Lee Valley has them as small as .250" OD and as large as 1.125"

Here's Lee Valley's page:
http://www.leevalley.com/wood/page.aspx?c=1&p=30124&cat=1,46168,46180

Edit to clarify: buy at your local woodworking store may mean getting your bearings much quicker locally rather than having to go the mail / web order route.


----------



## Mcgyver (Sep 8, 2008)

really good tip, love those bearing prices.....i have just the project for a set of those


----------



## GailInNM (Sep 8, 2008)

I posted my favorite bearing source a few months ago, and have used them since then with complete satisfaction. A very large selection of small ball bearings.

http://stores.ebay.com/RCBoyz

Prices start about a dollar and low cost shipping. Be sure to go the their ebay store and not to their web site. The ebay store has a larger selection and lower prices.

More details in original post at:
http://www.homemodelenginemachinist.com/index.php?topic=2097.0

Gail in NM,USA


----------



## KC6UVM (Sep 8, 2008)

I'm shopping for bearings for some of my projects and I found an inexpensive source at www.vxb.com out of Anaheim, CA. Another option I looked at was at www.mcmaster.com.


----------



## kvom (Sep 9, 2008)

I got some small bearings from Gail's source --- very fast ship and good prices.


----------



## BobWarfield (Sep 9, 2008)

Try these guys:

http://www.vxb.com/page/bearings/CTGY/8mm

That page is the largest ID size listed for the routers for comparison.
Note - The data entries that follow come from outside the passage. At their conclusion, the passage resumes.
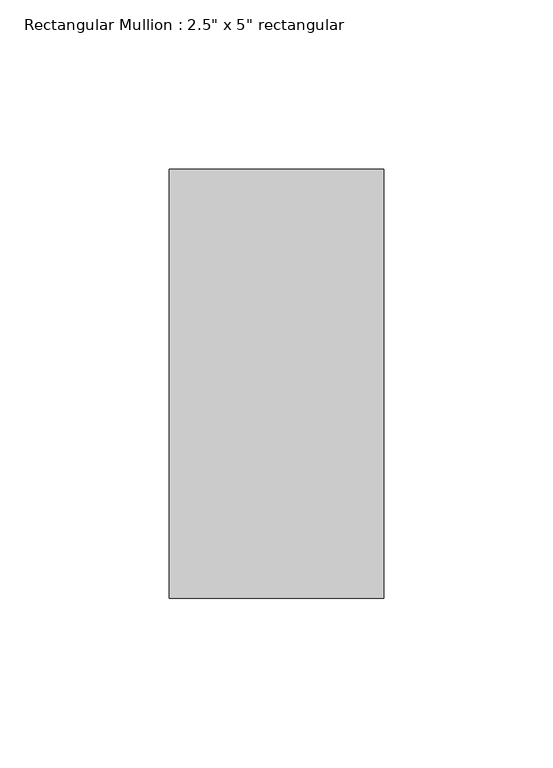
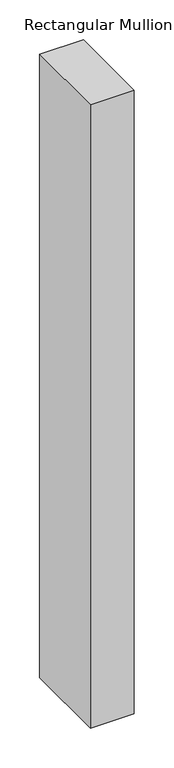
"""IFC4 building model written with IfcOpenShell, lengths in millimetres: member geometry."""

from ifc_helpers import new_model, si_unit, frame, origin, place, context, project, spatial, polyline, outline, extrude, source, transform, mapped, element, save


def member_e49f56fc(model_context):
    return source(origin(), model_context, "Body", "SweptSolid", [
        extrude(outline(polyline([(31.75, 63.5), (31.75, -63.5), (-31.75, -63.5), (-31.75, 63.5), (31.75, 63.5)])), frame((0.0, 0.0, -954.0158113), z_axis=(0.0, 0.0, 1.0), x_axis=(1.0, 0.0, 0.0)), (0.0, 0.0, 1.0), 954.0158113),
    ])


if __name__ == "__main__":
    model = new_model("IFC4")
    model_context = context("Model", 3, world=origin())
    ifc_project = project(units=[si_unit("LENGTHUNIT", "METRE", prefix="MILLI")], contexts=[model_context])
    site = spatial("IfcSite", under=ifc_project)
    building = spatial("IfcBuilding", under=site)
    placement = place(None, origin())
    member_shape = member_e49f56fc(model_context)
    element("IfcMember", 1, ObjectType="Rectangular Mullion : 2.5\" x 5\" rectangular", at=placement, inside=building, context=model_context, shape_type="MappedRepresentation", body=[
        mapped(member_shape, transform((0.0, 0.0, 0.0), x_axis=(1.0, 0.0, 0.0), y_axis=(0.0, 1.0, 0.0), z_axis=(0.0, 0.0, 1.0))),
    ])
    save(model, "model.ifc")

# Revit data of these elements
# Type "Rectangular Mullion : 2.5\" x 5\" rectangular"
#   built-in parameter 1007304 = 0.416667 (stored number, unit not read)
#   built-in parameter 1007301 = 0.104167 (stored number, unit not read)
#   built-in parameter 1007300 = 0.104167 (stored number, unit not read)
# Element 1 (IfcMember, "Rectangular Mullion : 2.5\" x 5\" rectangular")
#   Materials on its faces: "Aluminum"
# Materials
#   "Aluminum": class "Metal", colour RGB 247 247 247, transparency 0, Description = "Aluminum 6061", Cost = 0
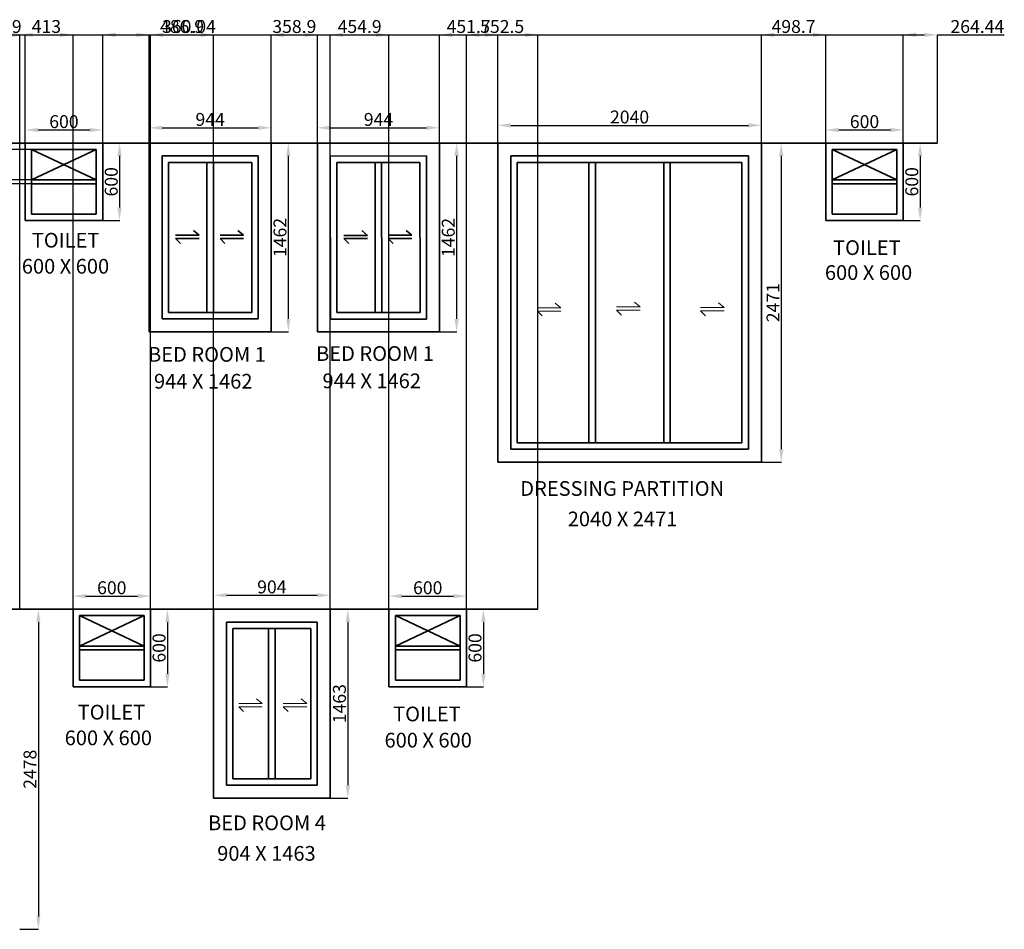
# Model space of a CAD drawing. Units: millimetres. Extents: x 5977 to 24120, y -1732 to 6209.
# Tile 3 of 3: x 16498 to 24120, y -1234 to 5807. Entities that reach past the tile are written whole.
import ezdxf

# ---------------------------------------------------------------- set-up
doc = ezdxf.new("R2010")
doc.units = ezdxf.units.MM
for name, color, linetype, lineweight in [('A-ANNO-DIMS', 2, 'Continuous', 18), ('A-ANNO-SYMB', 143, 'Continuous', 18), ('A-ANNO-TEXT', 7, 'Continuous', 25), ('A-GLAZ', 4, 'Continuous', 35)]:
    doc.layers.add(name, color=color, linetype=linetype, lineweight=lineweight)
doc.styles.get("Standard").update_dxf_attribs({"font": 'arial.ttf'})
doc.dimstyles.new('ISO-25', dxfattribs={"dimtxt": 100, "dimasz": 100, "dimexe": 1.25, "dimexo": 0.625, "dimtad": 1, "dimtxsty": 'Standard', "dimcen": 2.5, "dimadec": 0, "dimazin": 0, "dimtfac": 1, "dimtmove": 0, "dimatfit": 3, "dimfxl": 1, "dimarcsym": 0})

# ---------------------------------------------------------------- blocks, each defined once
blk = doc.blocks.new('*D11')
at = {"layer": 'A-ANNO-DIMS', "color": 0, "lineweight": -2, "transparency": 16777216}
for p, q in [((16540.9, 4852.8), (16540.9, 4954.6)), ((17140.9, 4852.8), (17140.9, 4954.6)), ((16640.9, 4953.4), (17040.9, 4953.4))]:
    blk.add_line(p, q, dxfattribs=at)
at = {"layer": 'A-ANNO-DIMS', "color": 0, "transparency": 16777216}
for points in [[(16640.9, 4970.1), (16640.9, 4936.7), (16540.9, 4953.4)], [(17040.9, 4970.1), (17040.9, 4936.7), (17140.9, 4953.4)]]:
    blk.add_solid(points, dxfattribs=at)
at = {"layer": 'Defpoints', "color": 0, "transparency": 16777216}
for p in [(17140.9, 4953.4), (16540.9, 4852.2), (17140.9, 4852.2)]:
    blk.add_point(p, dxfattribs=at)
at = {"layer": 'A-ANNO-DIMS', "color": 0, "transparency": 16777216, "insert": (16840.9, 5005.1), "char_height": 100, "attachment_point": 5}
blk.add_mtext('600', dxfattribs=at)
blk = doc.blocks.new('*D12')
at = {"layer": 'A-ANNO-DIMS', "color": 0, "lineweight": -2, "transparency": 16777216}
for p, q in [((17141.5, 4852.2), (17272.9, 4852.2)), ((17271.7, 4752.2), (17271.7, 4352.2)), ((17141.5, 4252.2), (17272.9, 4252.2))]:
    blk.add_line(p, q, dxfattribs=at)
at = {"layer": 'A-ANNO-DIMS', "color": 0, "transparency": 16777216}
for points in [[(17255, 4752.2), (17288.3, 4752.2), (17271.7, 4852.2)], [(17255, 4352.2), (17288.3, 4352.2), (17271.7, 4252.2)]]:
    blk.add_solid(points, dxfattribs=at)
at = {"layer": 'Defpoints', "color": 0, "transparency": 16777216}
for p in [(17140.9, 4852.2), (17140.9, 4252.2), (17271.7, 4252.2)]:
    blk.add_point(p, dxfattribs=at)
at = {"layer": 'A-ANNO-DIMS', "color": 0, "transparency": 16777216, "insert": (17220, 4552.2), "char_height": 100, "attachment_point": 5, "rotation": 90}
blk.add_mtext('600', dxfattribs=at)
blk = doc.blocks.new('*D13')
at = {"layer": 'A-ANNO-DIMS', "color": 0, "lineweight": -2, "transparency": 16777216}
for p, q in [((17500.9, 4852.8), (17500.9, 4971.3)), ((17600.9, 4970), (18344.9, 4970)), ((18444.9, 4852.8), (18444.9, 4971.3))]:
    blk.add_line(p, q, dxfattribs=at)
at = {"layer": 'A-ANNO-DIMS', "color": 0, "transparency": 16777216}
for points in [[(17600.9, 4986.7), (17600.9, 4953.4), (17500.9, 4970)], [(18344.9, 4986.7), (18344.9, 4953.4), (18444.9, 4970)]]:
    blk.add_solid(points, dxfattribs=at)
at = {"layer": 'Defpoints', "color": 0, "transparency": 16777216}
for p in [(18444.9, 4970), (17500.9, 4852.2), (18444.9, 4852.2)]:
    blk.add_point(p, dxfattribs=at)
at = {"layer": 'A-ANNO-DIMS', "color": 0, "transparency": 16777216, "insert": (17972.9, 5021.7), "char_height": 100, "attachment_point": 5}
blk.add_mtext('944', dxfattribs=at)
blk = doc.blocks.new('*D14')
at = {"layer": 'A-ANNO-DIMS', "color": 0, "lineweight": -2, "transparency": 16777216}
for p, q in [((18445.6, 4852.2), (18579.1, 4852.2)), ((18577.9, 4752.2), (18577.9, 3490.2)), ((18445.6, 3390.2), (18579.1, 3390.2))]:
    blk.add_line(p, q, dxfattribs=at)
at = {"layer": 'A-ANNO-DIMS', "color": 0, "transparency": 16777216}
for points in [[(18561.2, 4752.2), (18594.5, 4752.2), (18577.9, 4852.2)], [(18561.2, 3490.2), (18594.5, 3490.2), (18577.9, 3390.2)]]:
    blk.add_solid(points, dxfattribs=at)
at = {"layer": 'Defpoints', "color": 0, "transparency": 16777216}
for p in [(18444.9, 4852.2), (18444.9, 3390.2), (18577.9, 3390.2)]:
    blk.add_point(p, dxfattribs=at)
at = {"layer": 'A-ANNO-DIMS', "color": 0, "transparency": 16777216, "insert": (18526.2, 4121.2), "char_height": 100, "attachment_point": 5, "rotation": 90}
blk.add_mtext('1462', dxfattribs=at)
blk = doc.blocks.new('*D15')
at = {"layer": 'A-ANNO-DIMS', "color": 0, "lineweight": -2, "transparency": 16777216}
for p, q in [((18803.8, 4852.8), (18803.8, 4971.3)), ((18903.8, 4970), (19647.8, 4970)), ((19747.8, 4852.8), (19747.8, 4971.3))]:
    blk.add_line(p, q, dxfattribs=at)
at = {"layer": 'A-ANNO-DIMS', "color": 0, "transparency": 16777216}
for points in [[(18903.8, 4986.7), (18903.8, 4953.4), (18803.8, 4970)], [(19647.8, 4986.7), (19647.8, 4953.4), (19747.8, 4970)]]:
    blk.add_solid(points, dxfattribs=at)
at = {"layer": 'Defpoints', "color": 0, "transparency": 16777216}
for p in [(19747.8, 4970), (18803.8, 4852.2), (19747.8, 4852.2)]:
    blk.add_point(p, dxfattribs=at)
at = {"layer": 'A-ANNO-DIMS', "color": 0, "transparency": 16777216, "insert": (19275.8, 5021.7), "char_height": 100, "attachment_point": 5}
blk.add_mtext('944', dxfattribs=at)
blk = doc.blocks.new('*D16')
at = {"layer": 'A-ANNO-DIMS', "color": 0, "lineweight": -2, "transparency": 16777216}
for p, q in [((19748.5, 4852.2), (19882, 4852.2)), ((19880.8, 4752.2), (19880.8, 3490.2)), ((19748.5, 3390.2), (19882, 3390.2))]:
    blk.add_line(p, q, dxfattribs=at)
at = {"layer": 'A-ANNO-DIMS', "color": 0, "transparency": 16777216}
for points in [[(19864.1, 4752.2), (19897.4, 4752.2), (19880.8, 4852.2)], [(19864.1, 3490.2), (19897.4, 3490.2), (19880.8, 3390.2)]]:
    blk.add_solid(points, dxfattribs=at)
at = {"layer": 'Defpoints', "color": 0, "transparency": 16777216}
for p in [(19747.8, 4852.2), (19747.8, 3390.2), (19880.8, 3390.2)]:
    blk.add_point(p, dxfattribs=at)
at = {"layer": 'A-ANNO-DIMS', "color": 0, "transparency": 16777216, "insert": (19829.1, 4121.2), "char_height": 100, "attachment_point": 5, "rotation": 90}
blk.add_mtext('1462', dxfattribs=at)
blk = doc.blocks.new('*D17')
at = {"layer": 'A-ANNO-DIMS', "color": 0, "lineweight": -2, "transparency": 16777216}
for p, q in [((20199.5, 4852.8), (20199.5, 4990.3)), ((20299.5, 4989), (22139.5, 4989)), ((22239.5, 4852.8), (22239.5, 4990.3))]:
    blk.add_line(p, q, dxfattribs=at)
at = {"layer": 'A-ANNO-DIMS', "color": 0, "transparency": 16777216}
for points in [[(20299.5, 5005.7), (20299.5, 4972.4), (20199.5, 4989)], [(22139.5, 5005.7), (22139.5, 4972.4), (22239.5, 4989)]]:
    blk.add_solid(points, dxfattribs=at)
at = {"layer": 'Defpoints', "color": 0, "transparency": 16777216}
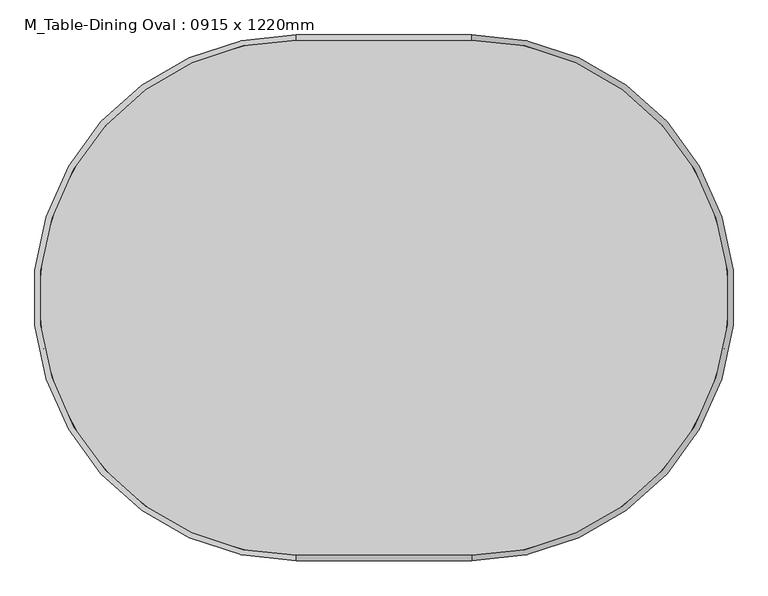
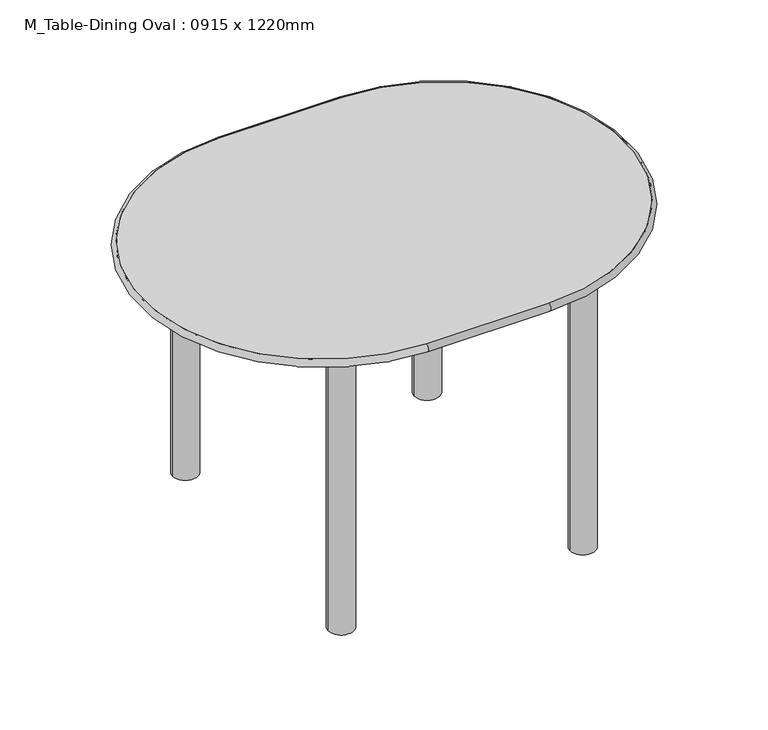
"""IFC4 building model written with IfcOpenShell, lengths in millimetres: furniture geometry, M_Table-Dining Oval : 0915 x 1220mm."""

from ifc_helpers import new_model, si_unit, point, frame, frame_2d, origin, origin_with_axes, place, context, project, spatial, polyline, circle_curve, ellipse_curve, trimmed, segment, composite_curve, outline, extrude, source, transform, mapped, element, save
from ifc_brep_helpers import plane_surface, cylinder_surface, revolved_surface, advanced_brep


def m_table_dining_oval_0915_x_1220mm_c3de6a6b(model_context):
    return source(origin(), model_context, "Body", "SolidModel", [
        advanced_brep(
        [(-554.3196721, -806.0733607, 762.0), (-554.3196721, -806.0733607, 742.95), (-249.3196721, -806.0733607, 742.95), (-249.3196721, -806.0733607, 762.0), (-249.3196721, 89.8766393, 762.0), (-249.3196721, 89.8766393, 742.95), (-554.3196721, 89.8766393, 742.95), (-554.3196721, 89.8766393, 762.0)],
        [
            (0, 1, circle_curve(frame((-554.3196721, -806.0733607, 752.475), z_axis=(1.0, 0.0, 0.0), x_axis=(0.0, 1.0, 0.0)), 9.525)),
            (1, 2),
            (2, 3, circle_curve(frame((-249.3196721, -806.0733607, 752.475), z_axis=(-1.0, 0.0, 0.0), x_axis=(0.0, 1.0, 0.0)), 9.525)),
            (3, 0),
            (1, 0),
            (3, 2),
            (4, 3, circle_curve(frame((-249.3196721, -358.0983607, 762.0), z_axis=(0.0, 0.0, -1.0), x_axis=(0.0, -1.0, 0.0)), 447.975)),
            (2, 5, circle_curve(frame((-249.3196721, -358.0983607, 742.95), z_axis=(0.0, 0.0, 1.0), x_axis=(0.0, -1.0, 0.0)), 447.975)),
            (5, 4, circle_curve(frame((-249.3196721, 89.8766393, 752.475), z_axis=(1.0, 0.0, 0.0), x_axis=(0.0, -1.0, 0.0)), 9.525)),
            (4, 5),
            (5, 6),
            (6, 7, circle_curve(frame((-554.3196721, 89.8766393, 752.475), z_axis=(1.0, 0.0, 0.0), x_axis=(0.0, -1.0, 0.0)), 9.525)),
            (7, 4),
            (7, 6),
            (0, 7, circle_curve(frame((-554.3196721, -358.0983607, 762.0), z_axis=(0.0, 0.0, -1.0), x_axis=(0.0, 1.0, 0.0)), 447.975)),
            (6, 1, circle_curve(frame((-554.3196721, -358.0983607, 742.95), z_axis=(0.0, 0.0, 1.0), x_axis=(0.0, 1.0, 0.0)), 447.975)),
        ],
        [
            cylinder_surface(frame((-554.3196721, -806.0733607, 752.475), z_axis=(-1.0, 0.0, 0.0), x_axis=(0.0, 1.0, 0.0)), 9.525),
            plane_surface(frame((-554.3196721, -806.0733607, 762.0), z_axis=(0.0, 1.0, 0.0), x_axis=(1.0, 0.0, 0.0))),
            revolved_surface(trimmed(ellipse_curve(frame((-249.3196721, -806.0733607, 752.475), z_axis=(-1.0, 0.0, 0.0), x_axis=(0.0, 1.0, 0.0)), 9.525, 9.525), [point((-249.3196721, -806.0733607, 742.95))], [point((-249.3196721, -806.0733607, 762.0))], True, "CARTESIAN"), (-249.3196721, -358.0983607, 0.0), (0.0, 0.0, 1.0)),
            revolved_surface(polyline([(-249.3196721, -806.0733607, 762.0), (-249.3196721, -806.0733607, 742.95)]), (-249.3196721, -358.0983607, 0.0), (0.0, 0.0, 1.0)),
            cylinder_surface(frame((-249.3196721, 89.8766393, 752.475), z_axis=(1.0, 0.0, 0.0), x_axis=(0.0, -1.0, 0.0)), 9.525),
            plane_surface(frame((-249.3196721, 89.8766393, 762.0), z_axis=(0.0, -1.0, 0.0), x_axis=(-1.0, 0.0, 0.0))),
            revolved_surface(trimmed(ellipse_curve(frame((-554.3196721, 89.8766393, 752.475), z_axis=(1.0, 0.0, 0.0), x_axis=(0.0, -1.0, 0.0)), 9.525, 9.525), [point((-554.3196721, 89.8766393, 742.95))], [point((-554.3196721, 89.8766393, 762.0))], True, "CARTESIAN"), (-554.3196721, -358.0983607, 0.0), (0.0, 0.0, 1.0)),
            revolved_surface(polyline([(-554.3196721, 89.87663930000002, 762.0), (-554.3196721, 89.87663930000002, 742.95)]), (-554.3196721, -358.0983607, 0.0), (0.0, 0.0, 1.0)),
        ],
        [
            (0, [[1, 2, 3, 4]]),
            (1, [[5, -4, 6, -2]]),
            (2, [[7, -3, 8, 9]]),
            (3, [[-8, -6, -7, 10]]),
            (4, [[-9, 11, 12, 13]]),
            (5, [[-10, -13, 14, -11]]),
            (6, [[15, -12, 16, -1]]),
            (7, [[-16, -14, -15, -5]]),
        ],
    ),
        extrude(outline(composite_curve([segment(trimmed(circle_curve(frame_2d((-703.5446721, -21.2483607)), 31.75), [point((-735.2946721, -21.2483607))], [point((-671.7946721, -21.2483607))], False, "CARTESIAN"), True, "CONTINUOUS"), segment(trimmed(circle_curve(frame_2d((-703.5446721, -21.2483607)), 31.75), [point((-671.7946721, -21.2483607))], [point((-735.2946721, -21.2483607))], False, "CARTESIAN"), True, "CONTINUOUS")], self_intersect=False)), origin_with_axes(), (0.0, 0.0, 1.0), 742.95),
        extrude(outline(composite_curve([segment(trimmed(circle_curve(frame_2d((-703.5446721, -694.9483607)), 31.75), [point((-735.2946721, -694.9483607))], [point((-671.7946721, -694.9483607))], False, "CARTESIAN"), True, "CONTINUOUS"), segment(trimmed(circle_curve(frame_2d((-703.5446721, -694.9483607)), 31.75), [point((-671.7946721, -694.9483607))], [point((-735.2946721, -694.9483607))], False, "CARTESIAN"), True, "CONTINUOUS")], self_intersect=False)), origin_with_axes(), (0.0, 0.0, 1.0), 742.95),
        extrude(outline(composite_curve([segment(trimmed(circle_curve(frame_2d((-100.0946721, -21.2483607)), 31.75), [point((-131.8446721, -21.2483607))], [point((-68.3446721, -21.2483607))], False, "CARTESIAN"), True, "CONTINUOUS"), segment(trimmed(circle_curve(frame_2d((-100.0946721, -21.2483607)), 31.75), [point((-68.3446721, -21.2483607))], [point((-131.8446721, -21.2483607))], False, "CARTESIAN"), True, "CONTINUOUS")], self_intersect=False)), origin_with_axes(), (0.0, 0.0, 1.0), 742.95),
        extrude(outline(composite_curve([segment(trimmed(circle_curve(frame_2d((-100.0946721, -694.9483607)), 31.75), [point((-131.8446721, -694.9483607))], [point((-68.3446721, -694.9483607))], False, "CARTESIAN"), True, "CONTINUOUS"), segment(trimmed(circle_curve(frame_2d((-100.0946721, -694.9483607)), 31.75), [point((-68.3446721, -694.9483607))], [point((-131.8446721, -694.9483607))], False, "CARTESIAN"), True, "CONTINUOUS")], self_intersect=False)), origin_with_axes(), (0.0, 0.0, 1.0), 742.95),
        extrude(outline(polyline([(-81.0446721, -2.1983607), (-81.0446721, -713.9983607), (-722.5946721, -713.9983607), (-722.5946721, -2.1983607), (-81.0446721, -2.1983607)]), holes=[polyline([(-100.0946721, -21.2483607), (-703.5446721, -21.2483607), (-703.5446721, -694.9483607), (-100.0946721, -694.9483607), (-100.0946721, -21.2483607)])]), frame((0.0, 0.0, 692.15), z_axis=(0.0, 0.0, 1.0), x_axis=(1.0, 0.0, 0.0)), (0.0, 0.0, 1.0), 50.8),
        extrude(outline(composite_curve([segment(polyline([(-554.3196721, 89.8766393), (-249.3196721, 89.8766393)]), True, "CONTINUOUS"), segment(trimmed(circle_curve(frame_2d((-249.3196721, -358.0983607)), 447.975), [point((-249.3196721, 89.8766393))], [point((198.6553279, -358.0983607))], False, "CARTESIAN"), True, "CONTINUOUS"), segment(trimmed(circle_curve(frame_2d((-249.3196721, -358.0983607)), 447.975), [point((198.6553279, -358.0983607))], [point((-249.3196721, -806.0733607))], False, "CARTESIAN"), True, "CONTINUOUS"), segment(polyline([(-249.3196721, -806.0733607), (-554.3196721, -806.0733607)]), True, "CONTINUOUS"), segment(trimmed(circle_curve(frame_2d((-554.3196721, -358.0983607)), 447.975), [point((-554.3196721, -806.0733607))], [point((-1002.2946721, -358.0983607))], False, "CARTESIAN"), True, "CONTINUOUS"), segment(trimmed(circle_curve(frame_2d((-554.3196721, -358.0983607)), 447.975), [point((-1002.2946721, -358.0983607))], [point((-554.3196721, 89.8766393))], False, "CARTESIAN"), True, "CONTINUOUS")], self_intersect=False)), frame((0.0, 0.0, 742.95), z_axis=(0.0, 0.0, 1.0), x_axis=(1.0, 0.0, 0.0)), (0.0, 0.0, 1.0), 19.05),
    ])


if __name__ == "__main__":
    model = new_model("IFC4")
    model_context = context("Model", 3, world=origin())
    ifc_project = project(units=[si_unit("LENGTHUNIT", "METRE", prefix="MILLI")], contexts=[model_context])
    site = spatial("IfcSite", under=ifc_project)
    building = spatial("IfcBuilding", under=site)
    placement = place(None, origin())
    m_table_dining_oval_0915_x_1220mm_shape = m_table_dining_oval_0915_x_1220mm_c3de6a6b(model_context)
    element("IfcFurniture", 1, ObjectType="M_Table-Dining Oval : 0915 x 1220mm", at=placement, inside=building, context=model_context, shape_type="MappedRepresentation", body=[
        mapped(m_table_dining_oval_0915_x_1220mm_shape, transform((0.0, 0.0, 0.0), x_axis=(1.0, 0.0, 0.0), y_axis=(0.0, 1.0, 0.0), z_axis=(0.0, 0.0, 1.0))),
    ])
    save(model, "model.ifc")

# Revit data of these elements
# Type "M_Table-Dining Oval : 0915 x 1220mm"
#   Length = 4' - 0.0315"
#   Width = 3' - 0.02362"
#   Base Material = none
#   Top Material = none
#   Default Elevation = 0
# Element 1 (IfcFurniture, "M_Table-Dining Oval : 0915 x 1220mm")
#   Materials on its faces: "Glass - Clear, Grey"
# Materials
#   "Glass - Clear, Grey": class "Glass", colour RGB 252 255 255, transparency 0.64

Many varieties and grades. The cheapest is 8 bearings of that size (608Z) for $3.95.

If you need parts, I keep a page of links here:

http://www.thewarfields.com/cnccookbook/CCResourcesSup.htm

Many sources for bearings, raw materials, machinery, tooling, and so forth.

Cheers,

BW


----------



## Jadecy (Sep 9, 2008)

you may want to try the direct approach - http://www.bocabearings.com/


----------



## Kludge (Sep 9, 2008)

VXB also has an ePay presence but their website has better prices. They also have the rails, bearings et al if you want to make your own milling table.

Beyond that ... thank you for all the neat references, gentles. 

Best regards,

Kludge ... who's bookmarking as fast as he can.


----------



## Andrewinpopayan (Sep 15, 2008)

Another good source of small bearing sets is in old PC hard drives, also useful for powerful magnets and small screws.


----------



## wareagle (Sep 27, 2008)

I read it somewhere on this site I believe, so who ever posted it previously, Thank you!!!

I have used the typical hobby shops for small bearings, but have since done business with *these guys* and thought that they had a great selection and reasonable prices. They also have a clearance section IIRC. I think I have done either two or three orders with them, and have no complaints.


----------



## BillH (Jan 10, 2009)

For my projects that don't require anything special, I buy electric motor ballbearings from Enco. They have some on sale for half off. Ordered a 3/4" ID and a .5" ID ball bearings.4$ and 2$ if I remember correctly, and thrown in with my other stuff, free shipping.
Using them for a Flight Yoke project for flight simulator. Building the damn thing stronger than the real thing. I can't help it. ;D


----------



## BobWarfield (Jan 10, 2009)

Bill, I know it's not an engine, but please show your flight yoke on a thread here somewhere!

BW


----------



## tsvservice (Feb 21, 2009)

Don't overlook old VCRs for mechanical parts. A typical VHS VCR has several SMALL ball bearings in the capstan motor and pinch roller. In addition, you can salvage a big chunk of aluminum (the main mechanical chassis), one or more 6-12 volt DC motors, lots of metric screws, spare power cord, sheet metal case (if it's old enough), etc.


----------



## Kermit (Feb 21, 2009)

I have removed several Hall effect transistors from them over the years. They make nice cover interlocks when put near a magnet in the closed position.

The ones I like are mounted on a seperate tiny piece of board with a long wire harness already connected - those are the easiest to re-purpose.

They could just as easily be turned into an RPM tach...hmmm 8)



Kermit



			
				BillH  said:
			
		

> Building the damn thing stronger than the real thing. I can't help it. ;D



I like the way you think pardner ;D


----------